Sunday, April 5, 2009

Me! In 4-D!

Perdurantists claim that objects do not endure through time as substantial wholes, but instead exist as a collated stack or row of four-dimensional time slices. Endurantists deny this by asserting that objects exist as wholes over a given period of time. Endurantism, which I endorse, has many arguments going for it, such as, the necessary unity of consciousness and memory; the associated unity of formal operations being performed by one and the same person; the ability to ascribe moral guilt to a person, rather than being forced to assign blame to only one of a person's slices at the corresponding instant of guilt; the commendable lack of perdurantism's disingenuous claim that, while there are no real things over time, yet there are real things which we can discuss (right now… and now… and now!) over extended periods of time and which can be recognized as the unique possessors of their own 4-D timeslices; and so forth.

But another argument against perdurantism that I want to get on "paper" before it slips my mind is one I got from David Oderberg's essay, "Hylomorphic Dualism." Oderberg remarks, in a footnote, I believe, that it is incoherent to say a thing's spatiotemporal structure is comprised of spaceless, timeless slices.
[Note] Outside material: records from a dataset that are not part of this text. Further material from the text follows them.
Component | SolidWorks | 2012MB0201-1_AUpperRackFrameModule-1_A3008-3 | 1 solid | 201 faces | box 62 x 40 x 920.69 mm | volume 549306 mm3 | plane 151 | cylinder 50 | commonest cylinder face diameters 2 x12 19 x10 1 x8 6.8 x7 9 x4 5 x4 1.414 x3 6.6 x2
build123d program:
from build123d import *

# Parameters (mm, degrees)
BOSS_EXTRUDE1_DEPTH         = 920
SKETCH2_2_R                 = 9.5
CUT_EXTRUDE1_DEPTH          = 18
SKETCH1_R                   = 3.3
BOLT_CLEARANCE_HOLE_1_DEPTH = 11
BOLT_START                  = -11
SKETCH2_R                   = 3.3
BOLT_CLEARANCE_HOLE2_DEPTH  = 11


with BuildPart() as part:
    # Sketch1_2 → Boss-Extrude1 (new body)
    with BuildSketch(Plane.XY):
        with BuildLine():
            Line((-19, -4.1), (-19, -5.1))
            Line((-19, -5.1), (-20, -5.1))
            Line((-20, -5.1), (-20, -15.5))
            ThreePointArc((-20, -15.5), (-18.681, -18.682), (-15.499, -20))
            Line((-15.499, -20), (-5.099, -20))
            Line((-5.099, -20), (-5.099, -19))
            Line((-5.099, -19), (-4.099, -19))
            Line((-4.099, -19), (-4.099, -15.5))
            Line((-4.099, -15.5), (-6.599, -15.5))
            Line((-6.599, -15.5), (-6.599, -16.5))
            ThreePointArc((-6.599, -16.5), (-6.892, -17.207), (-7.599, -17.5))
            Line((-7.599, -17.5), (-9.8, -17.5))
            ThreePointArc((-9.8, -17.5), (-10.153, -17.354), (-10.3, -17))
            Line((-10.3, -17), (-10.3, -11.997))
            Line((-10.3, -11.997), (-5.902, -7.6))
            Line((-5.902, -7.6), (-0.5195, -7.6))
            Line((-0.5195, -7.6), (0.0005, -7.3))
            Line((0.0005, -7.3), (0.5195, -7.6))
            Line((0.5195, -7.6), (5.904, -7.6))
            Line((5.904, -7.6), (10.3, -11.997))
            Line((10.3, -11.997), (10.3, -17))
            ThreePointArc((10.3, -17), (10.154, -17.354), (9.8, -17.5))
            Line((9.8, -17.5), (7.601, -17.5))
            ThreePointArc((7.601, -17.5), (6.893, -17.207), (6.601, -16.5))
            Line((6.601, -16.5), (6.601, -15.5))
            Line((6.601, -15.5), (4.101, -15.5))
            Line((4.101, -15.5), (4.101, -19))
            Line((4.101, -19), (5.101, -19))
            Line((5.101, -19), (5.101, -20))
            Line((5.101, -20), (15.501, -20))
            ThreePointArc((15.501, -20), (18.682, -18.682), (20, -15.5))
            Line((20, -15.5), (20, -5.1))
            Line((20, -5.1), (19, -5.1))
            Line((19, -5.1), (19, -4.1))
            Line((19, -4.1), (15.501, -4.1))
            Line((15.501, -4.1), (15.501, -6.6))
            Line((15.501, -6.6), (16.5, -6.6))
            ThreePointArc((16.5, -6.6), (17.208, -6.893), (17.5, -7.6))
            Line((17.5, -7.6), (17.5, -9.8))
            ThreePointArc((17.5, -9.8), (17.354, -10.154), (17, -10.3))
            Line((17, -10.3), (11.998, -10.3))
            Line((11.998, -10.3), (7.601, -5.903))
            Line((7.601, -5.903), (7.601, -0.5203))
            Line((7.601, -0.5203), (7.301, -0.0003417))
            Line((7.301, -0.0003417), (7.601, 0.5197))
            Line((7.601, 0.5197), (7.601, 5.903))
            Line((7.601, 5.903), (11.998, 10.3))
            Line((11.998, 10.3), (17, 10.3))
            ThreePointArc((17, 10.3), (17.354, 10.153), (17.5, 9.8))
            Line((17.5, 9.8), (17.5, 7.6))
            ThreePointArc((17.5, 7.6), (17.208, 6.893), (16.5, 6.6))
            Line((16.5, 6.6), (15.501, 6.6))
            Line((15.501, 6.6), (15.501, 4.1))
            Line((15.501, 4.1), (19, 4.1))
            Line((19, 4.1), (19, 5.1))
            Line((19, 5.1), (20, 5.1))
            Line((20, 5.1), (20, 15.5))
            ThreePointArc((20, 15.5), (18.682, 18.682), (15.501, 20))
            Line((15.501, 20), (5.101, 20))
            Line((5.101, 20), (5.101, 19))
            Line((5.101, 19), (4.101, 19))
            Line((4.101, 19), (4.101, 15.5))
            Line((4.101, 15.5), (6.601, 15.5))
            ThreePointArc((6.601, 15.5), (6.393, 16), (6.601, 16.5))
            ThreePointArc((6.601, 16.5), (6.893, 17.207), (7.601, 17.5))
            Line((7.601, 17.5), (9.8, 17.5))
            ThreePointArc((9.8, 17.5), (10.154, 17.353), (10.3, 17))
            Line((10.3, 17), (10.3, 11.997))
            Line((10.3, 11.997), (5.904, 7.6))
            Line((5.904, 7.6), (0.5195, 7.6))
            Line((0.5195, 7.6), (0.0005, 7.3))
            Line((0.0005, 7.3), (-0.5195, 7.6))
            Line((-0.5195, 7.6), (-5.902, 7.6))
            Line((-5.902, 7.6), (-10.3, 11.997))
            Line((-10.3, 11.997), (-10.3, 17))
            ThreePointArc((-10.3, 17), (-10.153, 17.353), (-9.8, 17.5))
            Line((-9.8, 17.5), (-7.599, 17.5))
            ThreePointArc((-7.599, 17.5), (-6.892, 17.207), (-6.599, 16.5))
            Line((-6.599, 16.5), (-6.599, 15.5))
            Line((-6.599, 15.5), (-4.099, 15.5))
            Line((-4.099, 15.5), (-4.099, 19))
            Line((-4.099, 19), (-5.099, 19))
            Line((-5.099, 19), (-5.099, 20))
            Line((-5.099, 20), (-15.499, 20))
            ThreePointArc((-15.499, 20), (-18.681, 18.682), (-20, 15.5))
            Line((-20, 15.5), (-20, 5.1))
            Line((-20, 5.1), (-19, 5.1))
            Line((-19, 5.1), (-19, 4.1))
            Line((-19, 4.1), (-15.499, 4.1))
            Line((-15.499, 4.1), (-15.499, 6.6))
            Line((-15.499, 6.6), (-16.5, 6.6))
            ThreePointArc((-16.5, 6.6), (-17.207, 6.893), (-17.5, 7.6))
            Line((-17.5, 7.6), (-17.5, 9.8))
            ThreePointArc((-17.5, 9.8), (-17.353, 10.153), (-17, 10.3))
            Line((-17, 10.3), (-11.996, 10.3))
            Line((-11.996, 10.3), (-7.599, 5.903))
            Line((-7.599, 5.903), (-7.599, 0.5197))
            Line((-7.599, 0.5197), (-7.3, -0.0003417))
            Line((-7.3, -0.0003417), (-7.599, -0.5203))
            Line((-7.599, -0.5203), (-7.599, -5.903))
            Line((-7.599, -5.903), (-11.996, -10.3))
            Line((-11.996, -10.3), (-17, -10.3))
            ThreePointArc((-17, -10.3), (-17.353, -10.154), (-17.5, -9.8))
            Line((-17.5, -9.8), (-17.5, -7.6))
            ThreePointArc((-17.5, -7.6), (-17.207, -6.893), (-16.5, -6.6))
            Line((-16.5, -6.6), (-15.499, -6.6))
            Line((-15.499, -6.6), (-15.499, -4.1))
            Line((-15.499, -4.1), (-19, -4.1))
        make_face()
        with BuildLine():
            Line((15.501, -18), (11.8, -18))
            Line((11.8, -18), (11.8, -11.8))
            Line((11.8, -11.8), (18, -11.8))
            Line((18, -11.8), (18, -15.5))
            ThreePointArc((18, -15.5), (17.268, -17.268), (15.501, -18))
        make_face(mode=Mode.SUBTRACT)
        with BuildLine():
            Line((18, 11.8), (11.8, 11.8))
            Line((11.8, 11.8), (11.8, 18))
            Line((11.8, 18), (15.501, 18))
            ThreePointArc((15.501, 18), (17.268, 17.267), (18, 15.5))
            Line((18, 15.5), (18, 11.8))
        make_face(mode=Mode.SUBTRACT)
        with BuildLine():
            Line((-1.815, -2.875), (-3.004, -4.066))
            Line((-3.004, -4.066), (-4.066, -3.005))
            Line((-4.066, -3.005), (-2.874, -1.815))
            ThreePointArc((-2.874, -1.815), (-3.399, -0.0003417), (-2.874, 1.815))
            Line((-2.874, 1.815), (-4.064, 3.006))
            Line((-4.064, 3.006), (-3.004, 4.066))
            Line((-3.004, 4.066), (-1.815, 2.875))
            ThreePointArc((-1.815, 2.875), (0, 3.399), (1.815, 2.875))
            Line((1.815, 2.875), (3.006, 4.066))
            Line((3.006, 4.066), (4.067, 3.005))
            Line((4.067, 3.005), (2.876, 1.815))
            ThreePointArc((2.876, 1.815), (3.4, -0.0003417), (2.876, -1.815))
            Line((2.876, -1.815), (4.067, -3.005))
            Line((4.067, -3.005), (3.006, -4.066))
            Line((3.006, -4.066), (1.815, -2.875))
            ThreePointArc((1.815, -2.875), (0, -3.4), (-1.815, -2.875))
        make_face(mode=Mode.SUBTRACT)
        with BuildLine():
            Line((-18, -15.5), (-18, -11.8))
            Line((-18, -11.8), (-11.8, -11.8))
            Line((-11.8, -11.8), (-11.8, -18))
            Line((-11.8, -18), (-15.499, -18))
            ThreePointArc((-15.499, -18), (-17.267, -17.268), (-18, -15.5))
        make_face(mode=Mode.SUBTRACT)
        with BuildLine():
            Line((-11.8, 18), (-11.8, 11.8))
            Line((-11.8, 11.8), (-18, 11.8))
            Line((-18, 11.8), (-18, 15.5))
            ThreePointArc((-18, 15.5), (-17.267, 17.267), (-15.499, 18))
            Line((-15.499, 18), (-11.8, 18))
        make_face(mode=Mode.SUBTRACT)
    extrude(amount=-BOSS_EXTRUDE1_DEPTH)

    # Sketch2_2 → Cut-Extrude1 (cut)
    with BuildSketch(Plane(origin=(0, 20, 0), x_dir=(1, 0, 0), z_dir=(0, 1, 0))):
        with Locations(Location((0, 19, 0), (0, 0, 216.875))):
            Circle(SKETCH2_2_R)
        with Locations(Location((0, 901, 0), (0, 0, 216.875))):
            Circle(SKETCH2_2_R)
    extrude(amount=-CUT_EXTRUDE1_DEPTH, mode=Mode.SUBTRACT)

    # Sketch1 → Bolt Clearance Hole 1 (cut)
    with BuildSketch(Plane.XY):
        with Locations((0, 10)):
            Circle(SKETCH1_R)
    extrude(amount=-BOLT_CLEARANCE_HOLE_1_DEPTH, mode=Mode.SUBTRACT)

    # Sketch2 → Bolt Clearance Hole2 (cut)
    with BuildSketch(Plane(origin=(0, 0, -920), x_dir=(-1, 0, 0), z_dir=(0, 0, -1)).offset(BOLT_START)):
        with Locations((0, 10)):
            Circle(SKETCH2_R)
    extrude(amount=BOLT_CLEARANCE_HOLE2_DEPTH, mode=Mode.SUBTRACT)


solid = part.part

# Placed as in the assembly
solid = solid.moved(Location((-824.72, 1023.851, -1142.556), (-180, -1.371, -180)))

In other words, offering two trillion totally worthless pennies to the cashier is no better or worse than offering only two. Since perdurantism denies there are substantial wholes which exist as wholes over multiple points of spacetime, it must also deny that any of the time slices "in" an "object" endure over any extended amount of spacetime. Ergo, each time slice is infinitely thin and infinitesimally brief. Unfortunately, however, stacking two trillion infinitely thin plates under your feet gets you no higher than stacking only two infinitely thin plates under them. Likewise, if I give you all my money for an infinitesimal amount of time, it really just means I do not give you my money. There is no coherent natural way to get spatiotemporally extended objects from spatiotemporally non-extended parts.

But I'm willing to admit there might be a supernatural way to do it.

(FWIW, I have touched on endurantism and perdurantism at FCA before: http://veniaminov.blogspot.com/search?q=perdurantism. I am willing to elaborate on the arguments for endurantism and against perdurantism that I mentioned in the first paragraph. Just let me know, O my mighty throng of readers!)

1 comment:

Anonymous said...

I'm always up for further elaboration. Your posts are damn interesting.